When CubeProxy connects to Redis by hostname, OpenResty Lua can fail with:

no resolver defined to resolve "<redis-hostname>"

NGINX/OpenResty requires an explicit resolver directive for Lua cosocket hostname resolution. Reading /etc/resolv.conf is not enough by itself, because nginx expects concrete resolver addresses in nginx.conf.

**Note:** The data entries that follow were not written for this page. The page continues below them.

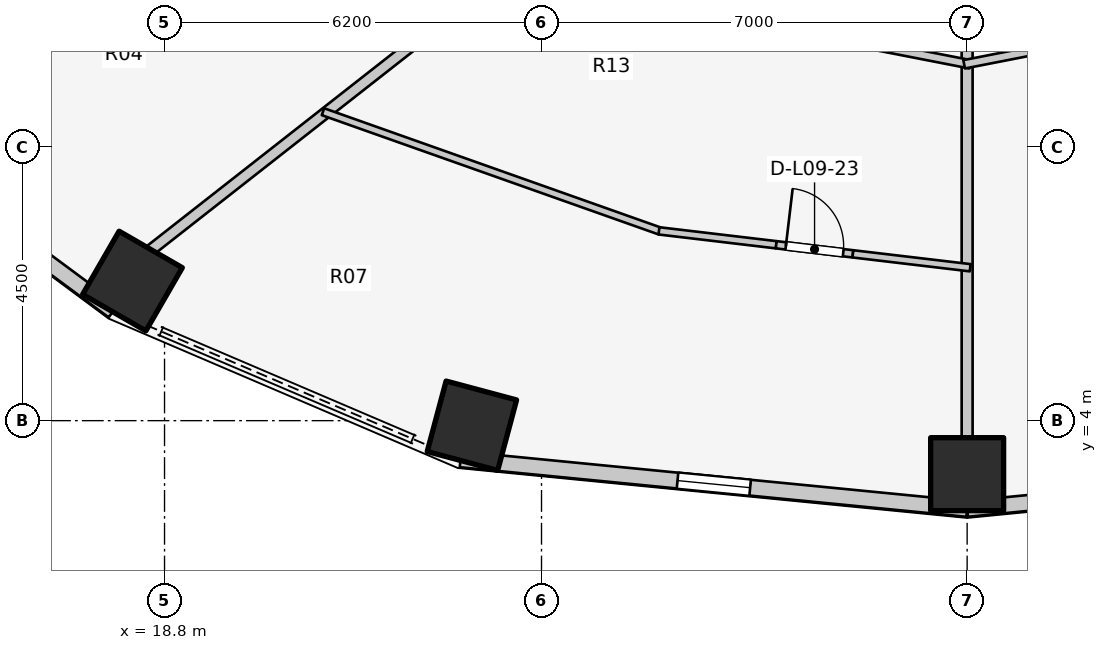
"""IFC4 building model, lengths in metres.
Left out: names, types, materials, properties, quantities, classifications, styles, units other than length and angle.
Written with IfcOpenShell. Run it as: python <this file> out.ifc"""

import sys

from ifc_helpers import new_model, si_unit, direction, frame, frame_2d, origin, origin_2d, place, context, subcontext, project, spatial, rectangle, extrude, element, fill, save


model = new_model("IFC4")
c1 = context("Model", 3, precision=1e-05, world=origin(), true_north=direction((0.0, 1.0)))
c2 = subcontext(c1, "Body", "Model", "MODEL_VIEW")
j1 = project(units=[si_unit("LENGTHUNIT", "METRE"), si_unit("PLANEANGLEUNIT", "RADIAN")], contexts=[c1])
p1 = place(None, origin())
s1 = spatial("IfcSite", under=j1, at=p1, CompositionType="ELEMENT")
p2 = place(p1, origin())
s2 = spatial("IfcBuilding", under=s1, at=p2, CompositionType="ELEMENT")
p3 = place(p2, frame((0.0, 0.0, 33.8)))
s3 = spatial("IfcBuildingStorey", under=s2, at=p3, CompositionType="ELEMENT", Elevation=33.8)
for number, where, z_axis, x_axis in (
    (1, (18.273, 6.296, 0.0), (0.0, 0.0, 1.0), (-0.5, -0.866, 0.0)),
    (2, (23.855, 3.916, 0.0), (0.0, 0.0, 1.0), (-0.259, -0.966, 0.0)),
    (3, (32.0, 3.12, 0.0), (0.0, 0.0, 1.0), (0.0, -1.0, 0.0)),
):
    element("IfcColumn", number, at=place(p3, frame(where, z_axis=z_axis, x_axis=x_axis)), inside=s3, PredefinedType="COLUMN", context=c2, shape_type="SweptSolid", body=[
        extrude(rectangle(XDim=1.2, YDim=1.2, at=origin_2d()), origin(), (0.0, 0.0, 1.0), 3.1),
    ])
p4 = place(p3, frame((13.595, 9.035, 0.0), z_axis=(0.0, 0.0, 1.0), x_axis=(0.803477531792, -0.595335078679, 0.0)))
e4 = element("IfcWall", 4, at=p4, inside=s3, PredefinedType="STANDARD", context=c2, shape_type="SweptSolid", body=[
    extrude(rectangle(XDim=5.43, YDim=0.26, at=frame_2d((2.715, 0.0))), origin(), (0.0, 0.0, 1.0), 1.22),
])
p5 = place(p3, frame((23.668, 3.364, 0.0), z_axis=(0.0, 0.0, 1.0), x_axis=(0.995247718352, -0.097375454379, 0.0)))
e5 = element("IfcWall", 5, at=p5, inside=s3, PredefinedType="STANDARD", context=c2, shape_type="SweptSolid", body=[
    extrude(rectangle(XDim=8.372, YDim=0.26, at=frame_2d((4.186, 0.0))), origin(), (0.0, 0.0, 1.0), 1.22),
])
p6 = place(p5, frame((3.586, 0.0, 0.15)))
e6 = element("IfcOpeningElement", 6, at=p6, cuts=e5, PredefinedType="OPENING", context=c2, shape_type="SweptSolid", body=[
    extrude(rectangle(XDim=1.2, YDim=0.9, at=frame_2d((0.6, 0.45))), frame((0.0, 0.14, 0.0), z_axis=(0.0, -1.0, 0.0), x_axis=(1.0, 0.0, 0.0)), (0.0, 0.0, 1.0), 0.28),
])
p7 = place(p3, frame((32.0, 2.549, 0.0), z_axis=(0.0, 0.0, 1.0), x_axis=(0.995247718352, 0.097375454379, 0.0)))
e7 = element("IfcWall", 7, at=p7, inside=s3, PredefinedType="STANDARD", context=c2, shape_type="SweptSolid", body=[
    extrude(rectangle(XDim=8.372, YDim=0.26, at=frame_2d((4.186, 0.0))), origin(), (0.0, 0.0, 1.0), 1.22),
])
p8 = place(p7, frame((3.586, 0.0, 0.15)))
e8 = element("IfcOpeningElement", 8, at=p8, cuts=e7, PredefinedType="OPENING", context=c2, shape_type="SweptSolid", body=[
    extrude(rectangle(XDim=1.2, YDim=0.9, at=frame_2d((0.6, 0.45))), frame((0.0, 0.14, 0.0), z_axis=(0.0, -1.0, 0.0), x_axis=(1.0, 0.0, 0.0)), (0.0, 0.0, 1.0), 0.28),
])
p9 = place(p3, frame((26.892, 13.327, 0.0), z_axis=(0.0, 0.0, 1.0), x_axis=(-0.78700868866, -0.616941912966, 0.0)))
e9 = element("IfcWall", 9, at=p9, inside=s3, PredefinedType="PARTITIONING", context=c2, shape_type="SweptSolid", body=[
    extrude(rectangle(XDim=10.583, YDim=0.18, at=frame_2d((5.292, 0.0))), origin(), (0.0, 0.0, 1.0), 1.22),
])
p10 = place(p3, frame((32.0, 11.815, 0.0), z_axis=(0.0, 0.0, 1.0), x_axis=(0.0, -1.0, 0.0)))
e10 = element("IfcWall", 10, at=p10, inside=s3, PredefinedType="PARTITIONING", context=c2, shape_type="SweptSolid", body=[
    extrude(rectangle(XDim=8.115, YDim=0.18, at=frame_2d((4.058, 0.0))), origin(), (0.0, 0.0, 1.0), 1.22),
])
p11 = place(p3, frame((21.406, 9.081, 0.0), z_axis=(0.0, 0.0, 1.0), x_axis=(0.942625048334, -0.333853288517, 0.0)))
e11 = element("IfcWall", 11, at=p11, inside=s3, PredefinedType="MOVABLE", context=c2, shape_type="SweptSolid", body=[
    extrude(rectangle(XDim=5.882, YDim=0.12, at=frame_2d((2.941, 0.0))), origin(), (0.0, 0.0, 1.0), 1.22),
])
p12 = place(p3, frame((26.932, 7.121, 0.0), z_axis=(0.0, 0.0, 1.0), x_axis=(0.993052427277, -0.117672752492, 0.0)))
e12 = element("IfcWall", 12, at=p12, inside=s3, PredefinedType="MOVABLE", context=c2, shape_type="SweptSolid", body=[
    extrude(rectangle(XDim=1.942, YDim=0.12, at=frame_2d((0.971, 0.0))), origin(), (0.0, 0.0, 1.0), 2.575),
])
p13 = place(p3, frame((28.86, 6.893, 0.0), z_axis=(0.0, 0.0, 1.0), x_axis=(0.993055805273, -0.11764424174, 0.0)))
e13 = element("IfcWall", 13, at=p13, inside=s3, PredefinedType="MOVABLE", context=c2, shape_type="SweptSolid", body=[
    extrude(rectangle(XDim=1.27, YDim=0.12, at=frame_2d((0.635, 0.0))), origin(), (0.0, 0.0, 1.0), 2.575),
])
p14 = place(p13, frame((0.16, 0.0, 0.0)))
e14 = element("IfcOpeningElement", 14, at=p14, cuts=e13, PredefinedType="OPENING", context=c2, shape_type="SweptSolid", body=[
    extrude(rectangle(XDim=0.95, YDim=2.1, at=frame_2d((0.475, 1.05))), frame((0.0, 0.07, 0.0), z_axis=(0.0, -1.0, 0.0), x_axis=(1.0, 0.0, 0.0)), (0.0, 0.0, 1.0), 0.14),
])
p15 = place(p3, frame((30.121, 6.743, 0.0), z_axis=(0.0, 0.0, 1.0), x_axis=(0.993052427277, -0.117672752492, 0.0)))
e15 = element("IfcWall", 15, at=p15, inside=s3, PredefinedType="MOVABLE", context=c2, shape_type="SweptSolid", body=[
    extrude(rectangle(XDim=1.942, YDim=0.12, at=frame_2d((0.971, 0.0))), origin(), (0.0, 0.0, 1.0), 1.22),
])
p16 = place(p3, frame((29.522, 10.354, 0.0), z_axis=(0.0, 0.0, 1.0), x_axis=(0.981455717174, -0.191689006535, 0.0)))
e16 = element("IfcWall", 16, at=p16, inside=s3, PredefinedType="PLUMBINGWALL", context=c2, shape_type="SweptSolid", body=[
    extrude(rectangle(XDim=1.22, YDim=0.14, at=frame_2d((0.61, 0.0))), origin(), (0.0, 0.0, 1.0), 2.575),
])
p17 = place(p16, frame((0.16, 0.0, 0.0)))
e17 = element("IfcOpeningElement", 17, at=p17, cuts=e16, PredefinedType="OPENING", context=c2, shape_type="SweptSolid", body=[
    extrude(rectangle(XDim=0.9, YDim=2.1, at=frame_2d((0.45, 1.05))), frame((0.0, 0.08, 0.0), z_axis=(0.0, -1.0, 0.0), x_axis=(1.0, 0.0, 0.0)), (0.0, 0.0, 1.0), 0.16),
])
p18 = place(p3, frame((30.719, 10.12, 0.0), z_axis=(0.0, 0.0, 1.0), x_axis=(0.981450920641, -0.191713563349, 0.0)))
e18 = element("IfcWall", 18, at=p18, inside=s3, PredefinedType="PLUMBINGWALL", context=c2, shape_type="SweptSolid", body=[
    extrude(rectangle(XDim=1.355, YDim=0.14, at=frame_2d((0.677, 0.0))), origin(), (0.0, 0.0, 1.0), 1.22),
])
p19 = place(p3, frame((31.951, 9.86, 0.0), z_axis=(0.0, 0.0, 1.0), x_axis=(0.981457541308, 0.191679666658, 0.0)))
e19 = element("IfcWall", 19, at=p19, inside=s3, PredefinedType="PLUMBINGWALL", context=c2, shape_type="SweptSolid", body=[
    extrude(rectangle(XDim=1.355, YDim=0.14, at=frame_2d((0.678, 0.0))), origin(), (0.0, 0.0, 1.0), 1.22),
])
p20 = place(p6, origin())
e20 = element("IfcWindow", 20, at=p20, inside=s3, PartitioningType="SINGLE_PANEL", PredefinedType="WINDOW", context=c2, shape_type="SweptSolid", body=[
    extrude(rectangle(XDim=1.2, YDim=0.9, at=frame_2d((0.6, 0.45))), frame((0.0, 0.03, 0.0), z_axis=(0.0, -1.0, 0.0), x_axis=(1.0, 0.0, 0.0)), (0.0, 0.0, 1.0), 0.06),
])
fill(e6, e20)
p21 = place(p14, origin())
e21 = element("IfcDoor", 21, at=p21, inside=s3, OperationType="SINGLE_SWING_LEFT", PredefinedType="DOOR", context=c2, shape_type="SweptSolid", body=[
    extrude(rectangle(XDim=0.95, YDim=2.1, at=frame_2d((0.475, 1.05))), frame((0.0, 0.025, 0.0), z_axis=(0.0, -1.0, 0.0), x_axis=(1.0, 0.0, 0.0)), (0.0, 0.0, 1.0), 0.05),
])
fill(e14, e21)
save(model, sys.argv[1])

Following the review feedback, this PR keeps the fix focused on the resolver path itself. CubeProxy now derives a small nginx resolver include from the container runtime environment, instead of relying on a one-click-specific host-side resolver workaround or rendering the full nginx config inside the container.

What Changed

This PR makes CubeProxy prepare only the resolver include at container startup:

  • adds a dedicated conf/includes/resolver.inc include hook to CubeProxy/nginx.conf
  • updates CubeProxy/start.sh to:
    • read the effective Redis target from CUBE_PROXY_REDIS_IP or the mounted global.conf
    • discover usable IPv4 nameservers from the container's /etc/resolv.conf when Redis is configured by hostname
    • render resolver ... ipv6=off valid=30s; and resolver_timeout 5s; into resolver.inc
    • fail fast when Redis is configured by hostname but no usable IPv4 resolver can be derived
    • keep Redis IP literals on a no-op resolver include path
  • adds focused coverage for the new startup helper behavior in deploy/one-click/tests/test_install_mode.sh

The one-click test update is limited to the existing path that supplies CubeProxy runtime config. This PR does not rework the broader one-click nginx rendering flow.

Validation

  • Ran the focused one-click shell test with bash tests/test_install_mode.sh.
  • Verified the CubeProxy startup helper across the relevant resolver branches:
    • hostname Redis renders resolver ...; resolver_timeout 5s;
    • IP-literal Redis keeps the resolver include as a no-op
    • hostname Redis without any usable IPv4 resolver fails fast with a clear error
  • Verified the one-click render path produces the expected hostname Redis runtime config.
  • Verified the container-side startup path in a temporary container: start.sh renders conf/includes/resolver.inc correctly and nginx -t succeeds.

Scope

This PR fixes Redis hostname resolution through CubeProxy's nginx/OpenResty resolver configuration.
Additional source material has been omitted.